Well I got the 'Klondike' one too......

Didn't click the link, but did respond (and even got some PMs about ME posting the garbage :!: we got that worked out quick, though!)

But, Geo not getting any spam......... Isn't that something like 'who smelt it, dealt it'???? 

Actually, porn spam ain't all that pleasant - kinda like going to the LEGAL places in Ecuador - better wear a full-armor haz-mat suit!


----------



## NoIdea (Dec 31, 2012)

Geo said:


> ok,so everyone got spammed but me. no, i understand, im not important enough to spam. i might like some porn spam too, but noo!
> 
> why cant i have some porn spam? ive never had any. what does it taste like? does it taste like regular spam? i say, if you dont have enough spam for everyone, then dont bring any spam to the forum.



Hmmm, porn spam, i like the way your thinking. 8) 

Its ok geo, like you im not loved enough to be spammed :lol: 

Deano


----------



## Palladium (Dec 31, 2012)

I didn't click the link.
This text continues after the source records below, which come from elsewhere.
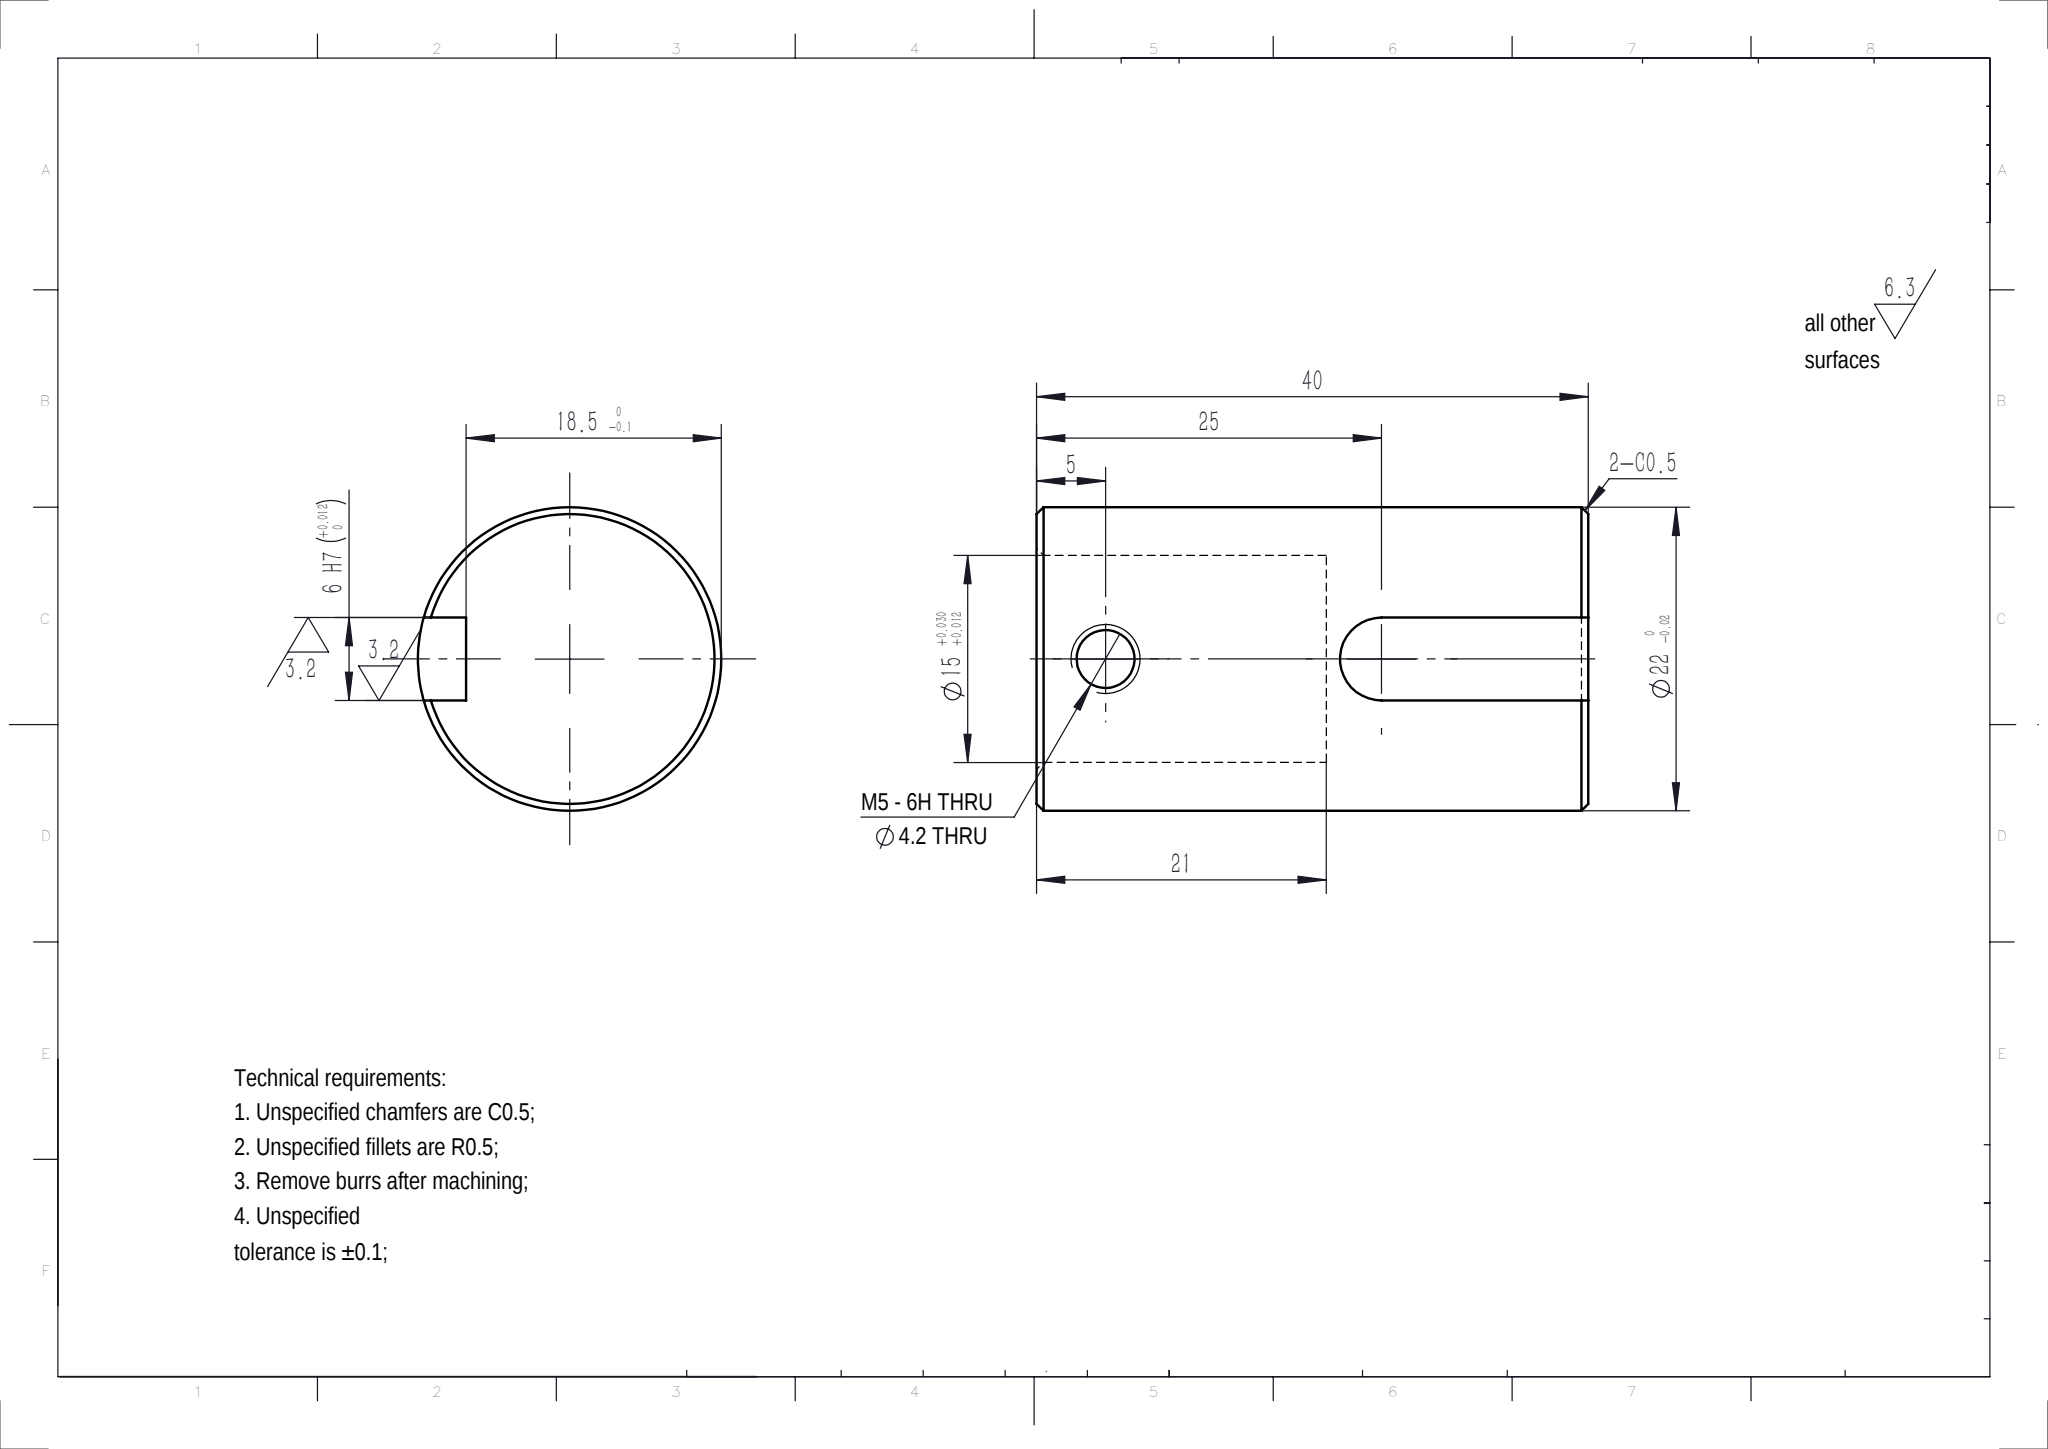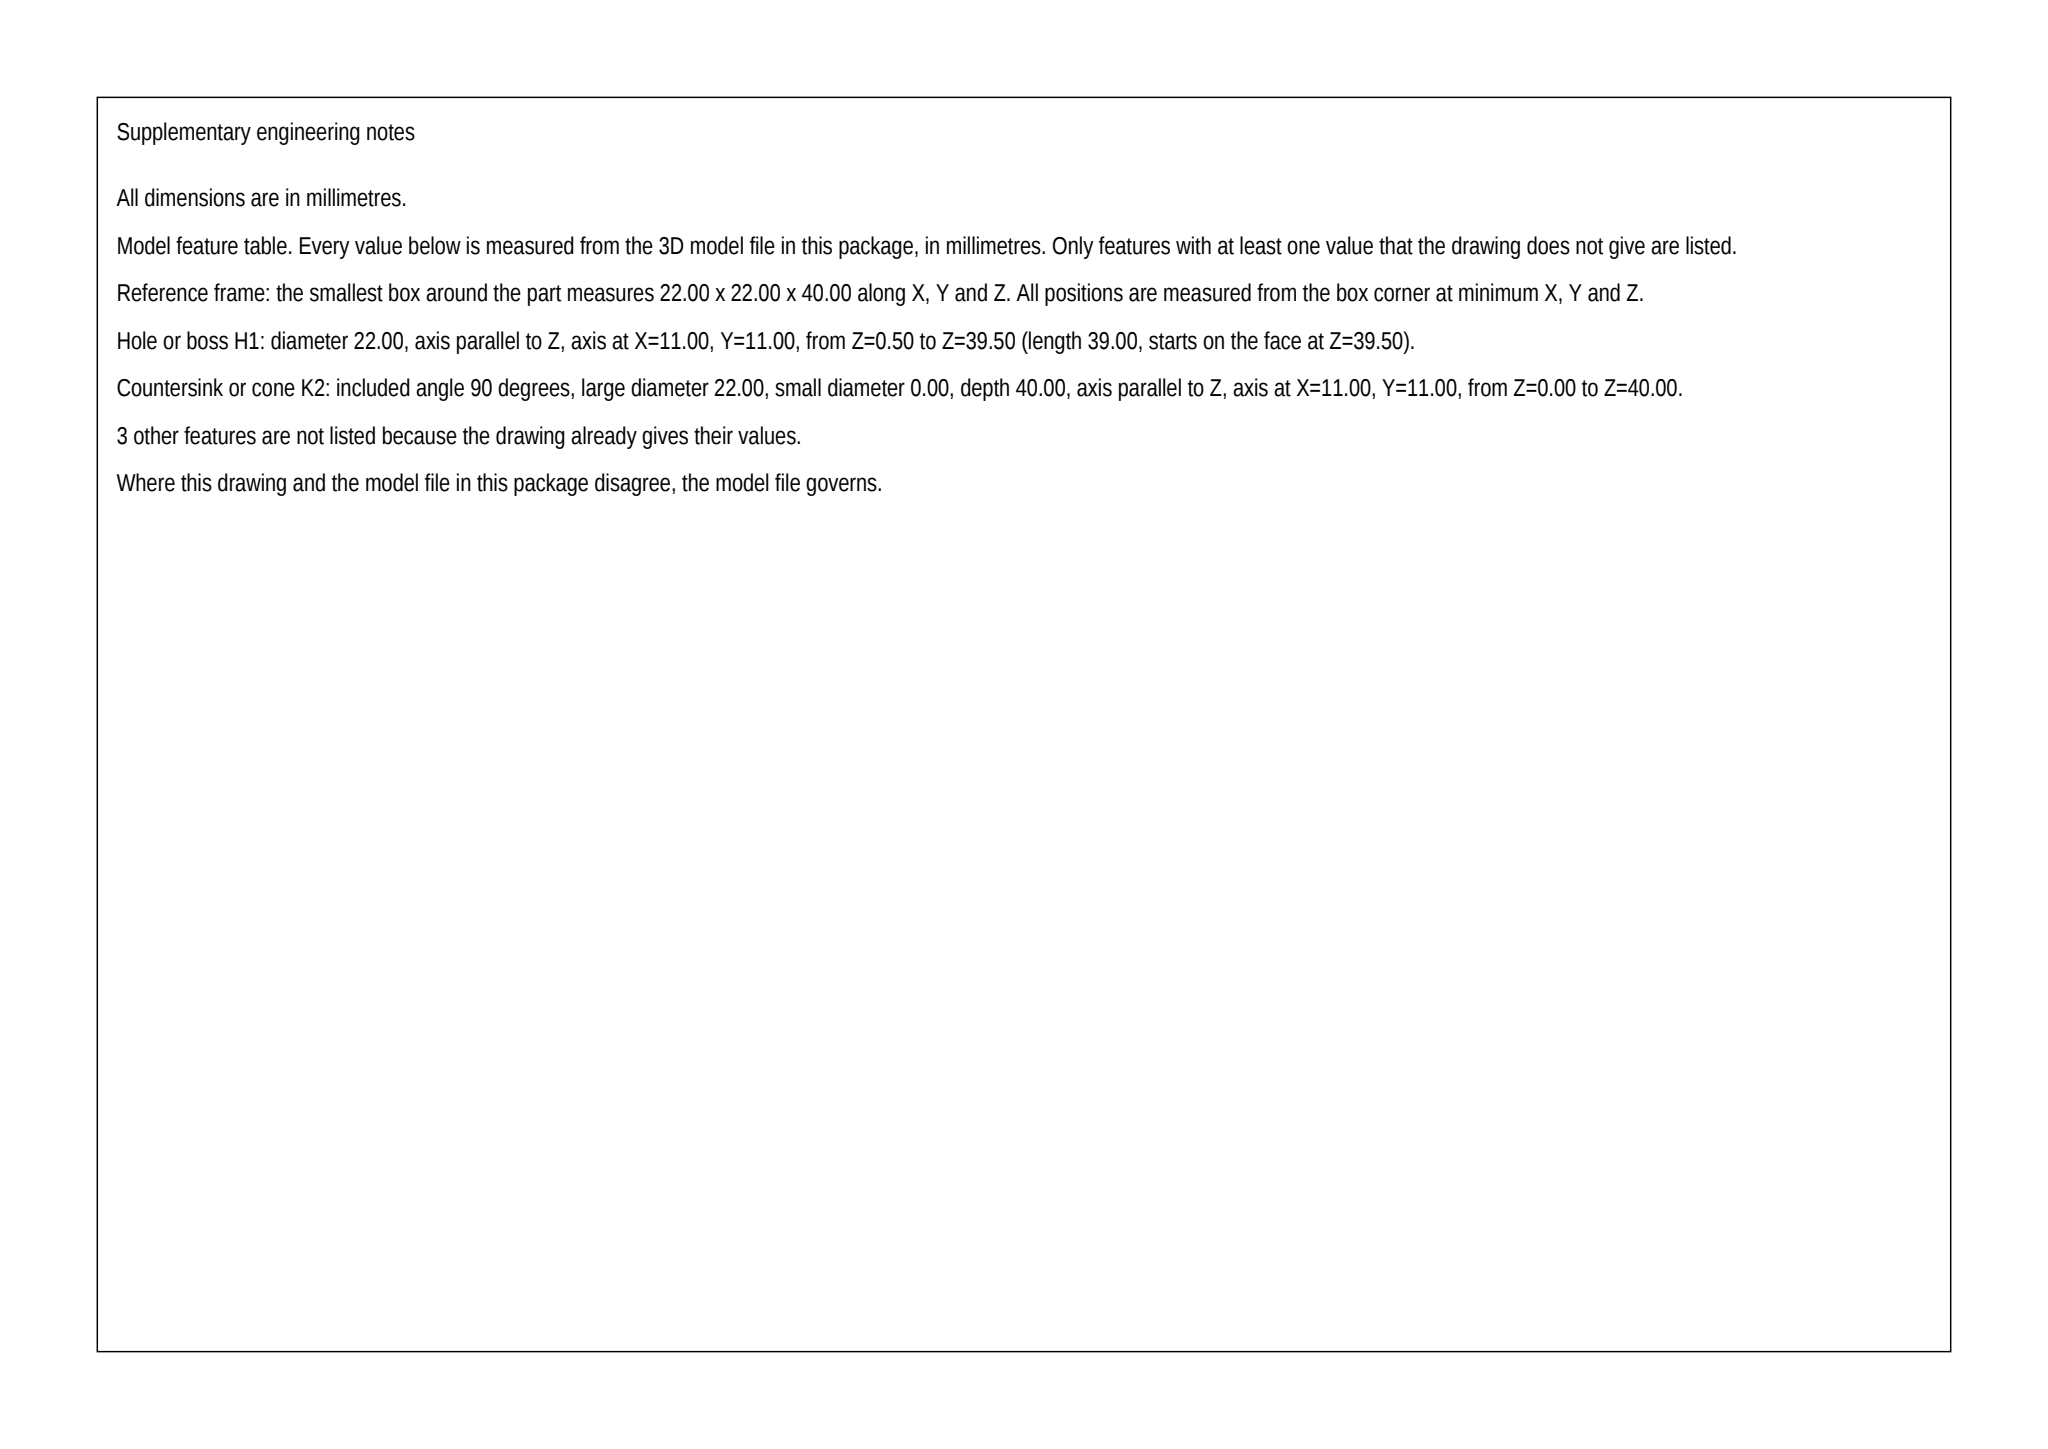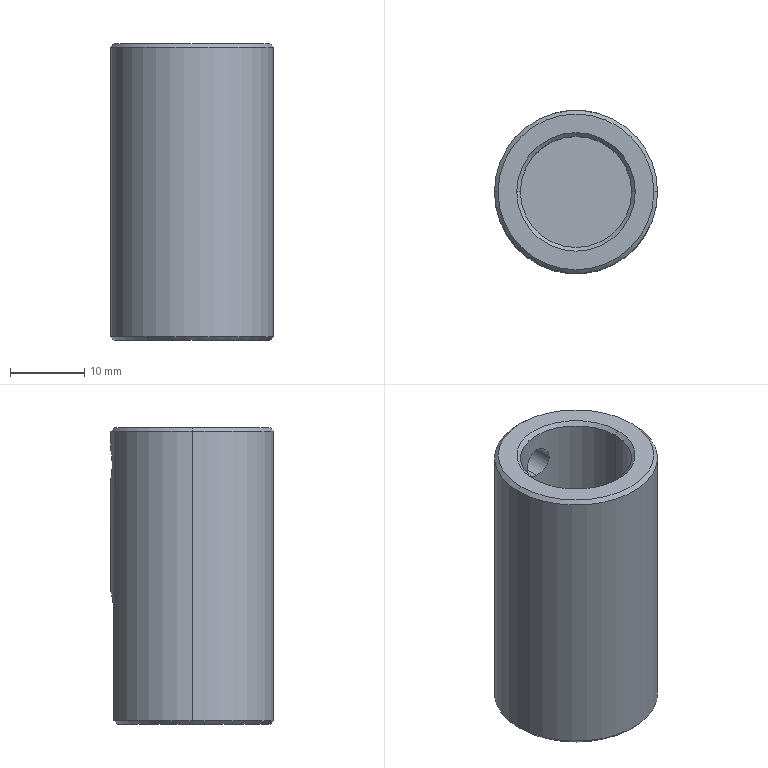Part | SolidWorks | mm | 1 solid | 20 faces | box 22 x 22 x 40 mm | volume 11073 mm3 | cone 7 | cylinder 7 | plane 6 | commonest cylinder face diameters 4.2 x2 15 x2 22 x2 6 x1
build123d program:
from build123d import *

# Parameters (mm, degrees)
SKETCH1_R              = 11
BOSS_EXTRUDE1_DEPTH    = 40
SKETCH2_R              = 7.5
CUT_EXTRUDE1_DEPTH     = 21
M5_TAPPED_HOLE1_REACH  = 44.778
M5_TAPPED_HOLE1_BORE_R = 2.1
CHAMFER1_SIZE          = 0.5
CUT_EXTRUDE2_START     = 7.5
CUT_EXTRUDE2_DEPTH     = 36.419


with BuildPart() as part:
    # Sketch1 → Boss-Extrude1 (new body)
    with BuildSketch(Plane.XY):
        Circle(SKETCH1_R)
    extrude(amount=BOSS_EXTRUDE1_DEPTH)

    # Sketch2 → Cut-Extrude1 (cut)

Geo! Glad to see you back. How did the break from things go?


----------



## Geo (Jan 1, 2013)

Palladium said:


> I didn't click the link. Geo! Glad to see you back. How did the break from things go?



:lol: you know that was a joke. i dated it one day apart. i could never leave the forum (willingly). thats not to say i may get on everyone nerves enough to get voted off the island, so to speak. :lol:


----------



## etack (Jan 1, 2013)

Yeah I got no porn spam. One day. I did get thrown up on by a stowaway cat in my car. Happy new year :lol: :lol: :lol: 

Happy new year to all


Eric


----------



## kclaptopsrepair (Jan 1, 2013)

I did click on that link and closed account on that porn website. Now that idiot, instead of counting money for clicks on porn movies, will be confused and wondering what happened...


----------



## joem (Jan 1, 2013)

kclaptopsrepair said:


> I did click on that link and closed account on that porn website. Now that idiot, instead of counting money for clicks on porn movies, will be confused and wondering what happened...


Oh darn a good idea, but a better idea would be to change his paypal address to yours and make some new year's cash.
Others Acting stupid is often smart for you.


----------